Going off challenges/problems I’ve found when taping, and the problems (and at times wishful thinking) you guys have mentioned: As a project for my innovation company (the company I mentioned back in January, that I’m taking from being part-time to more fulltime in this new year), I’ve been working on different power system designs for delivering mud to the wall.

A few things on them:
= As well as regular muds, one system is designed to also work with chemical set compounds, like hot muds.
= Texturing, painting with the systems should also work, based on what I’ve seen so far with them. (I don’t want to make big claims about such things, but from what I’ve seen so far, I think they’ll do a nice job of it - at least based on what *I* consider to be ‘a nice job’. But I’ll leave that one up to others to decide for themselves, for their situations.)
= I was able to use a decent amount of off the shelf components (with some modifications to some things), so they should be able to be built cheap to cheap enough, and so could sell cheap (or cheap enough).
= I was able to build one system that was hoseless, so no dragging hoses around with that one. The others are hosed.

One thing I’m wondering is how many of you other machine tapers would take to having conversion kits so you could run things like your existing tapers and angle boxes with such systems when wanted (along with the already known way of running converted mud boxes with such systems), rather than having to buy specialized tools if one doesn’t want to.

I’m talking conversion kits that wouldn’t mess with the operating of those tools when running them in the way one now does (and you could continue to use those tools in the way one normally does, when wanted).
Or would more dedicated attachments make more sense to you, especially if they possibly delivered enough value to maybe warrant it. Eg. Attachments that would extend easily enough, when the extra reach might be nice to have.

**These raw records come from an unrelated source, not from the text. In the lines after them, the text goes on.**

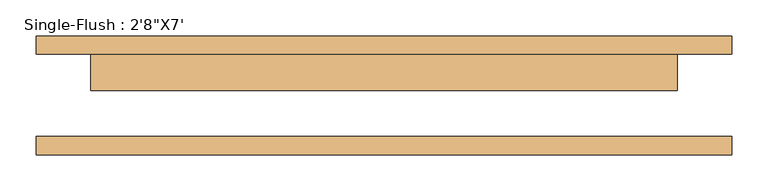
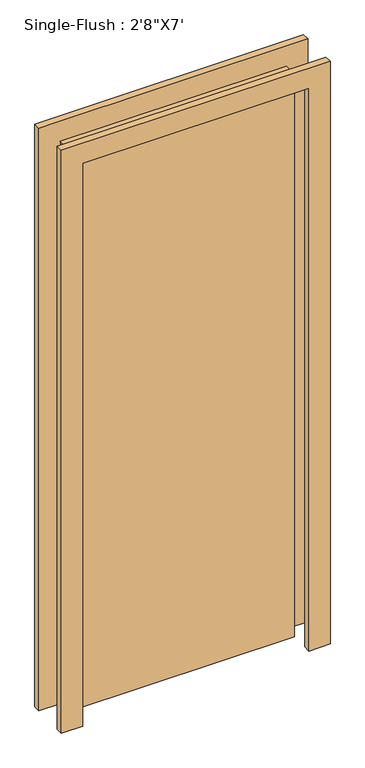
"""IFC4 building model written with IfcOpenShell, lengths in millimetres: door geometry."""

from ifc_helpers import new_model, si_unit, frame, origin, origin_with_axes, place, context, project, spatial, polyline, outline, extrude, source, transform, mapped, element, save


def door_d141acb4(model_context):
    return source(origin(), model_context, "Body", "SweptSolid", [
        extrude(outline(polyline([(2209.8, -482.6), (0.0, -482.6), (0.0, -406.4), (2133.6, -406.4), (2133.6, 406.4), (0.0, 406.4), (0.0, 482.6), (2209.8, 482.6), (2209.8, -482.6)])), frame((0.0, 57.15, 0.0), z_axis=(0.0, 1.0, 0.0), x_axis=(0.0, 0.0, 1.0)), (0.0, 0.0, 1.0), 25.4),
        extrude(outline(polyline([(2209.8, 482.6), (2209.8, -482.6), (0.0, -482.6), (0.0, -406.4), (2133.6, -406.4), (2133.6, 406.4), (0.0, 406.4), (0.0, 482.6), (2209.8, 482.6)])), frame((0.0, -82.55, 0.0), z_axis=(0.0, 1.0, 0.0), x_axis=(0.0, 0.0, 1.0)), (0.0, 0.0, 1.0), 25.4),
        extrude(outline(polyline([(406.4, 6.35), (-406.4, 6.35), (-406.4, 57.15), (406.4, 57.15), (406.4, 6.35)])), origin_with_axes(), (0.0, 0.0, 1.0), 2133.6),
    ])


if __name__ == "__main__":
    model = new_model("IFC4")
    model_context = context("Model", 3, world=origin())
    ifc_project = project(units=[si_unit("LENGTHUNIT", "METRE", prefix="MILLI")], contexts=[model_context])
    site = spatial("IfcSite", under=ifc_project)
    building = spatial("IfcBuilding", under=site)
    placement = place(None, origin())
    door_shape = door_d141acb4(model_context)
    element("IfcDoor", 1, ObjectType="Single-Flush : 2'8\"X7'", at=placement, inside=building, context=model_context, shape_type="MappedRepresentation", body=[
        mapped(door_shape, transform((0.0, 0.0, 0.0), x_axis=(1.0, 0.0, 0.0), y_axis=(0.0, 1.0, 0.0), z_axis=(0.0, 0.0, 1.0))),
    ])
    save(model, "model.ifc")

# Revit data of these elements
# Type "Single-Flush : 2'8\"X7'"
#   Type Mark = "12"
#   Construction Type Id = "MDOOR"
#   Assembly Code = "C1020"
#   Analytic Construction = "Metal"
#   Thickness = 0' - 2"
#   Heat Transfer Coefficient (U) = 0.651978 BTU/(h·ft²·°F)
#   Height = 7' - 0"
#   Trim Projection Ext = 0' - 1"
#   Trim Projection Int = 0' - 1"
#   Trim Width = 0' - 3"
#   Width = 2' - 8"
#   Define Thermal Properties by = 1
#   Door Material = Door - Panel
#   Frame Material = Door - Frame
#   Visual Light Transmittance = 0
#   Solar Heat Gain Coefficient = 0
#   Function = (empty or 0)
#   Wall Closure = (empty or 0)
# Element 1 (IfcDoor, "Single-Flush : 2'8\"X7'")
#   Materials on its faces: "Door - Frame", "Door - Panel"
# Materials
#   "Door - Panel": class "Wood", colour RGB 210 159 95, transparency 0, Cost = 0
#   "Door - Frame": colour RGB 118 70 51, transparency 0, Cost = 0

Anything else come to mind that you might think such conversion kits for mud feeding could be useful/handy for you? Eg. With mud tubes? MudRunners? Banjos? ........?


----------



## sdrdrywall (Sep 4, 2010)

I would definitely want a conversion kit i already know the tools i run so to hook up and gain speed im all in.


----------



## JustMe (Apr 17, 2009)

sdrdrywall said:


> I would definitely want a conversion kit i already know the tools i run so to hook up and gain speed im all in.


My thoughts as well on it.

But there's some things I wouldn't mind being able to reach further with at times. Eg. Taper.

Maybe an extension like TapeTech makes (or made) for their Bazooka might make sense at times(?) With the taper's weight reduced some because of it being fed, handling something like that better might be feasible, easier on the body.


----------



## JustMe (Apr 17, 2009)

For those not familiar with it, TT's bazooka extension: http://www.alstapingtools.com/tapetech-bazooka-extension.aspx

I see it says there that it's no longer available.


----------



## sdrdrywall (Sep 4, 2010)

Just the reduced weight would be a game changer. I can easily do 10 'ceilings now my guys can reach that off stilts so it works good. Angles and boxing would be the big help no running back to pump adds up to more production


----------



## JustMe (Apr 17, 2009)

sdrdrywall said:


> Just the reduced weight would be a game changer. I can easily do 10 'ceilings now my guys can reach that off stilts so it works good. Angles and boxing would be the big help no running back to pump adds up to more production


"Game changer" - That's the kind of innovation I'm interested in, focused on.
But there's times I'll take a little less. 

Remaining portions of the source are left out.